[tcapsusdb knowledge base] data recovery function of tcapsusdb


Tcapsusdb is a NoSQL database developed by Tencent. It is customized according to the development characteristics of the game. It has the characteristics of high performance, low cost, high availability and strong flexibility. This paper focuses on the data recovery function of tcapsus.

Tcapsusdb uses master and slave as redundant backup of data. The roles of master and slave are equivalent. Specifically, the master’s data will be asynchronously synchronized to slave. When the master fails, slave will switch to provide services for master.

Data recovery includes two parts: backup and recovery, so it is introduced from the following two points.


The database needs to be backed up regularly. From the tcapsusdb architecture diagram, it is known that each pair of primary and standby computers regularly make backup to the cold standby center through the standby computer. When each machine is put on the shelf, the cold standby script will be deployed to the machine, and then the backup work will be completed through the interaction between the cold standby script and the cold standby center.

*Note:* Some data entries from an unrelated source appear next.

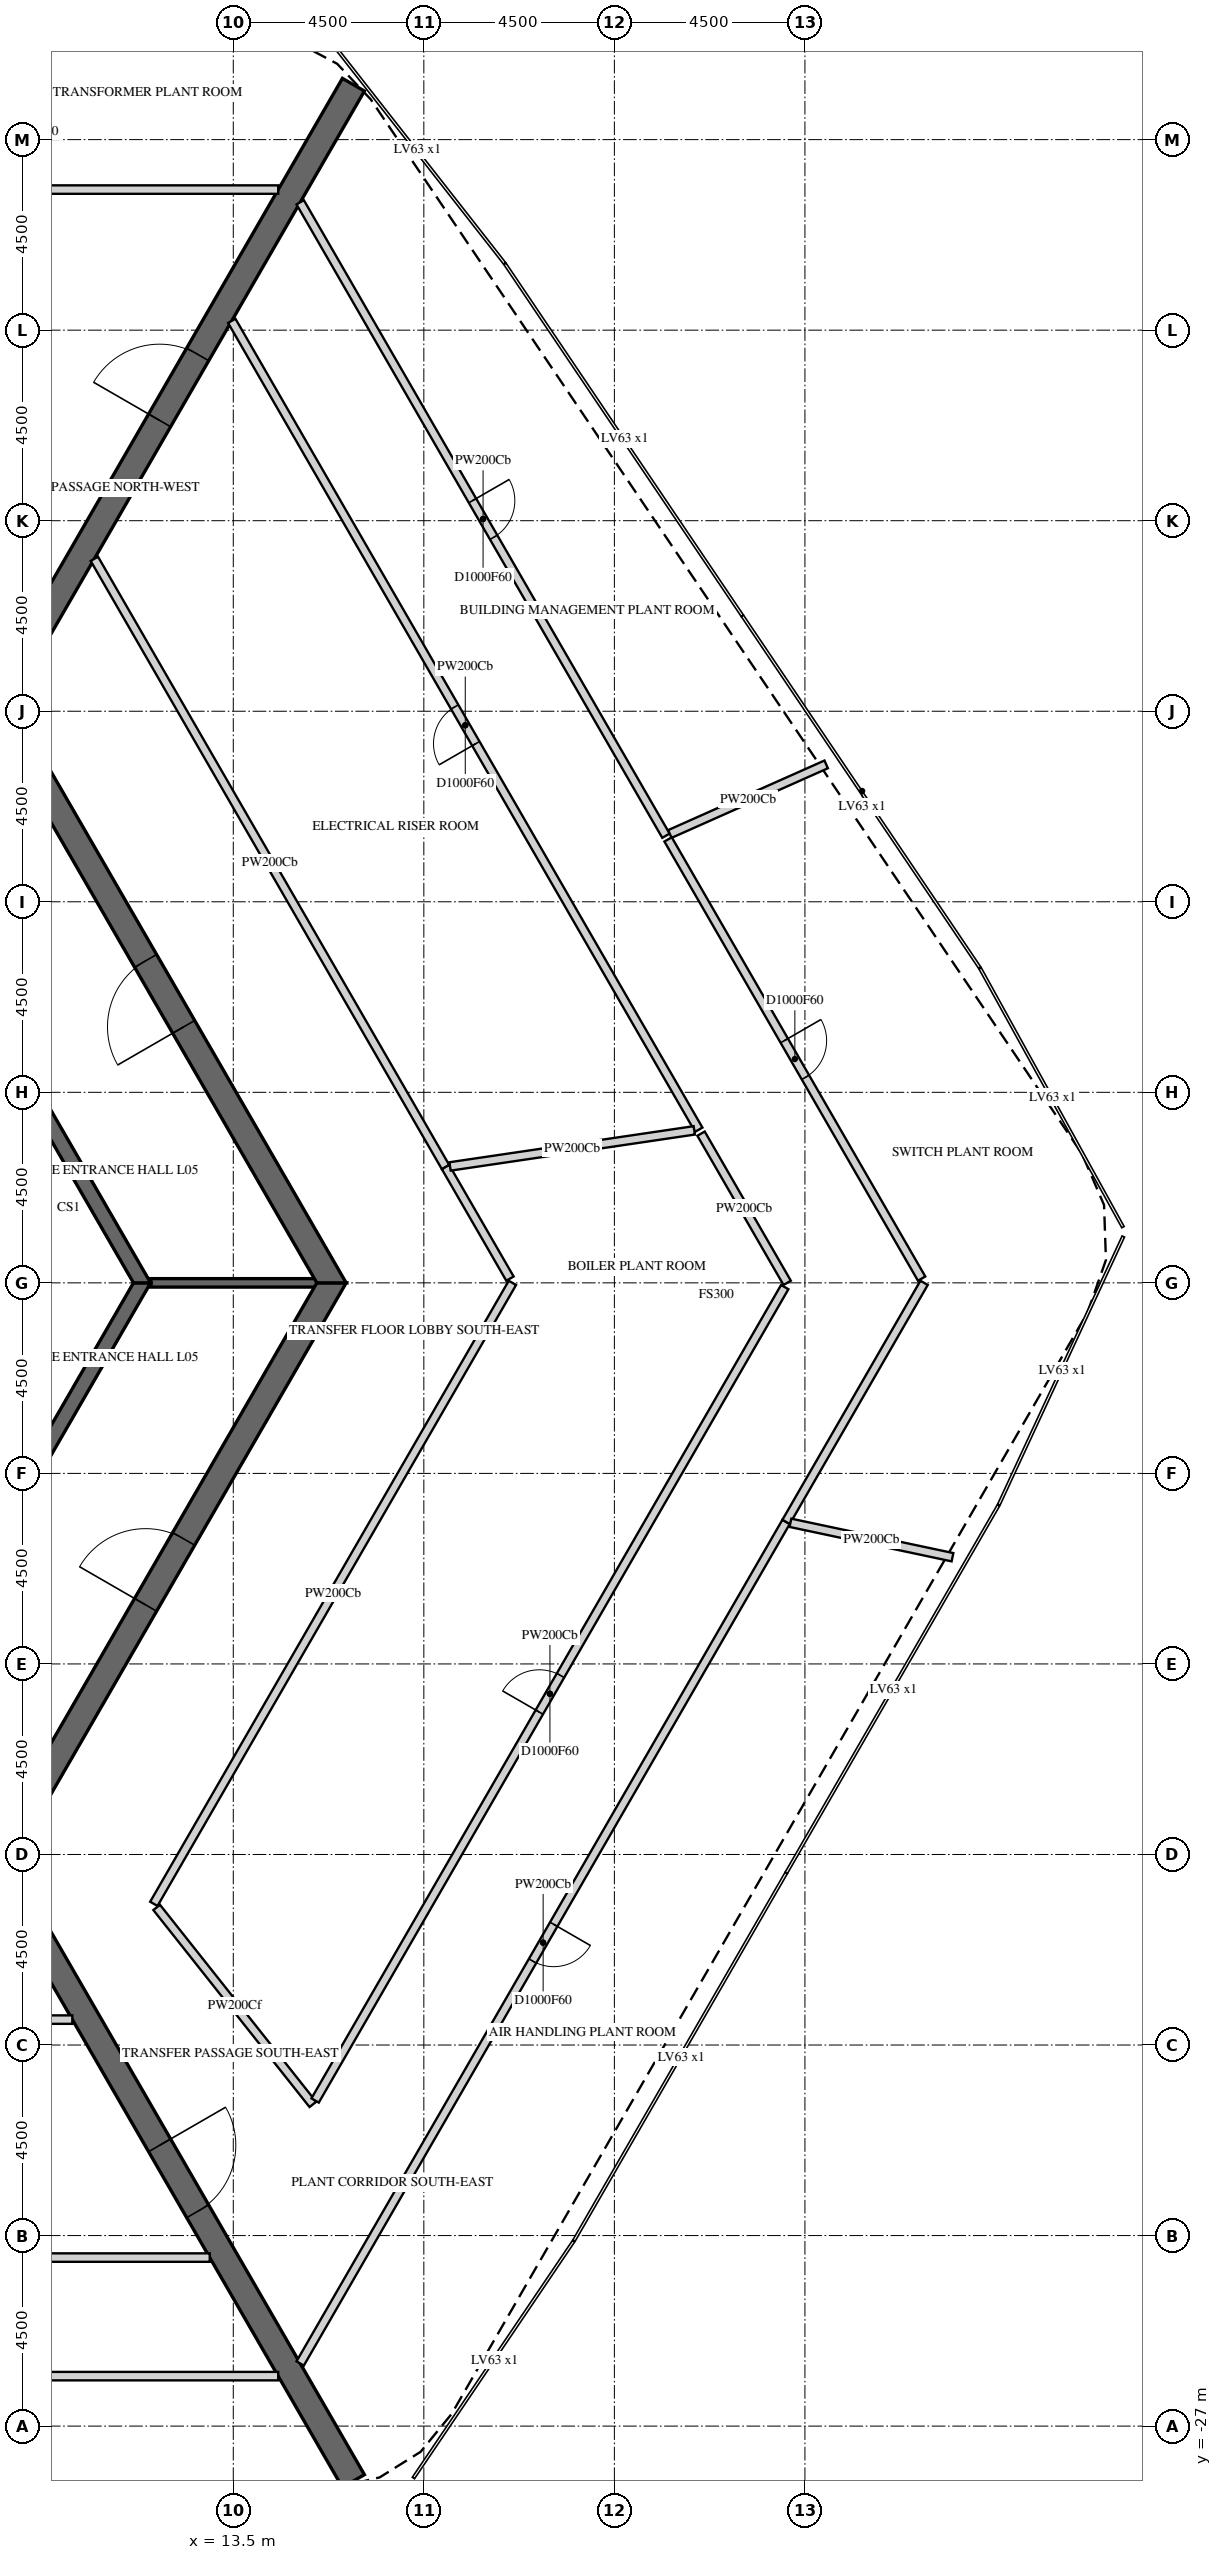
"""IFC4 building model, lengths in metres.
Left out: names, types, materials, properties, quantities, classifications, styles, units other than length and angle.
Written with IfcOpenShell. Run it as: python <this file> out.ifc"""

import sys

from ifc_helpers import new_model, si_unit, direction, frame, frame_2d, origin, place, context, subcontext, project, spatial, polyline, rectangle, outline, extrude, element, fill, save


model = new_model("IFC4")
c1 = context("Model", 3, precision=1e-05, world=origin(), true_north=direction((0.0, 1.0)))
c2 = subcontext(c1, "Body", "Model", "MODEL_VIEW")
j1 = project(units=[si_unit("LENGTHUNIT", "METRE"), si_unit("PLANEANGLEUNIT", "RADIAN")], contexts=[c1])
p1 = place(None, origin())
s1 = spatial("IfcSite", under=j1, at=p1, CompositionType="ELEMENT")
p2 = place(p1, origin())
s2 = spatial("IfcBuilding", under=s1, at=p2, CompositionType="ELEMENT")
p3 = place(p2, frame((0.0, 0.0, 31.5)))
s3 = spatial("IfcBuildingStorey", under=s2, at=p3, CompositionType="ELEMENT", Elevation=31.5)
p4 = place(p3, frame((7.91, -13.7, -0.3), z_axis=(0.0, 0.0, 1.0), x_axis=(0.499999880136, 0.866025472988, 0.0)))
e1 = element("IfcWall", 1, at=p4, inside=s3, PredefinedType="SHEAR", context=c2, shape_type="SweptSolid", body=[
    extrude(outline(polyline([(-0.173, -0.3), (15.993, -0.3), (15.646, 0.3), (0.173, 0.3), (-0.173, -0.3)])), origin(), (0.0, 0.0, 1.0), 6.15),
])
p5 = place(p4, frame((7.039, 0.0, 0.3)))
e2 = element("IfcOpeningElement", 2, at=p5, cuts=e1, PredefinedType="OPENING", context=c2, shape_type="SweptSolid", body=[
    extrude(rectangle(XDim=1.8, YDim=2.4, at=frame_2d((0.9, 1.2))), frame((0.0, 0.31, 0.0), z_axis=(0.0, -1.0, 0.0), x_axis=(1.0, 0.0, 0.0)), (0.0, 0.0, 1.0), 0.62),
])
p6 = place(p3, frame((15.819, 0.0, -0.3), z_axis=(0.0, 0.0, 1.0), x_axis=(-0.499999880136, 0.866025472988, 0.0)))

[tcapsusdb knowledge base] data recovery function of tcapsusdb

The role of cold standby script

  • Dump the current machine, dump the full amount of data, and submit it to the cold standby center. Then the cold standby center initiates scheduling and pulls the cold standby file to the cold standby center.
  • Submit the incremental binlog pipeline of the current machine to the cold standby center, and then the cold standby center initiates scheduling to pull the binlog pipeline file to the cold standby center.
  • Clean up all the uploaded cold standby files regularly.
  • Clean up the incremental binlog pipelining files that have been uploaded by the machine regularly.

Backup strategy

  • At 1:05 am every day, backup a full amount of data from tcapsvr slave to the BAK directory of the machine, waiting for the cold standby center to pull it.
  • The full backup of each machine should be uploaded to the cold standby center within 10 hours.
  • Flow the incremental log to the cold standby center every five minutes.
  • The incremental log of each machine is required to be pulled out by the cold standby center within one hour after submission.

Cold standby Center

  • The cold standby center used by tcaplus is maintained by the technical operation Department, and the backup of most business of mutual entertainment will be stored in the cold standby center.
  • Tcaplus interacts with the cold standby center about 1400 slave machines every day.
  • Each machine produces a maximum of 1.1tb of full capacity cold standby, and the incremental engine is about 500GB.
  • After the cold standby center initiates a submit task for an IP, it will initiate the Rsync thread on the IP of the destination machine to pull the file to the cold standby center.
  • For the IP to upload the cold standby, it distinguishes between Gigabit bandwidth and 10 Gigabit bandwidth. The upload and download speed of 10 Gigabit bandwidth is higher than that of Gigabit bandwidth.


Failure recovery

The most important fault recovery is machine fault, which is generally divided into slave fault and master fault

In case of a slave machine failure, the DBA initiates a slave rebuild transaction. At this time, the newly replaced machine will download the cold standby of the original suspended slave to the local computer and register it to the master after decompression.

In case of a master machine failure, the system will automatically switch slave to master, and the previous master to slave. Slave will initiate a reconstruction transaction and pull the cold standby of the new master for data recovery.

Business recovery

The business needs to recover some keys to the specified time point

This kind of problem is divided into two steps

① Construct the data to the specified time point, including pulling it from the cold standby center to the local and decompressing it to the specified directory.

② Find the corresponding key from the constructed data and import the data online. Before importing, the project team sometimes knows the specific key, and sometimes only knows the specific scope

Key known: traverse the constructed data to find the executed key, and then initiate the import.

Key unknown, only know the scope: tcapsusdb traverses the data in the scope and provides it to the project group, which identifies the key to be returned and imports it online.

Both cases are transactional.

Business test needs to copy the existing network data to the test environment

The existing network and test environment belong to two clusters, and the process is also divided into two steps: first, construct a copy of the existing network data, then copy it to the test environment and import it in full.

Tcapsusdb is a distributed NoSQL database produced by Tencent. The code for storage and scheduling is completely self-developed. It has the characteristics of cache + landing fusion architecture, Pb level storage, millisecond delay, lossless horizontal expansion and complex data structure. At the same time, it has the characteristics of rich ecology, convenient migration, extremely low operation and maintenance cost and five nine high availability. Customers cover games, Internet, government affairs, finance, manufacturing and Internet of things.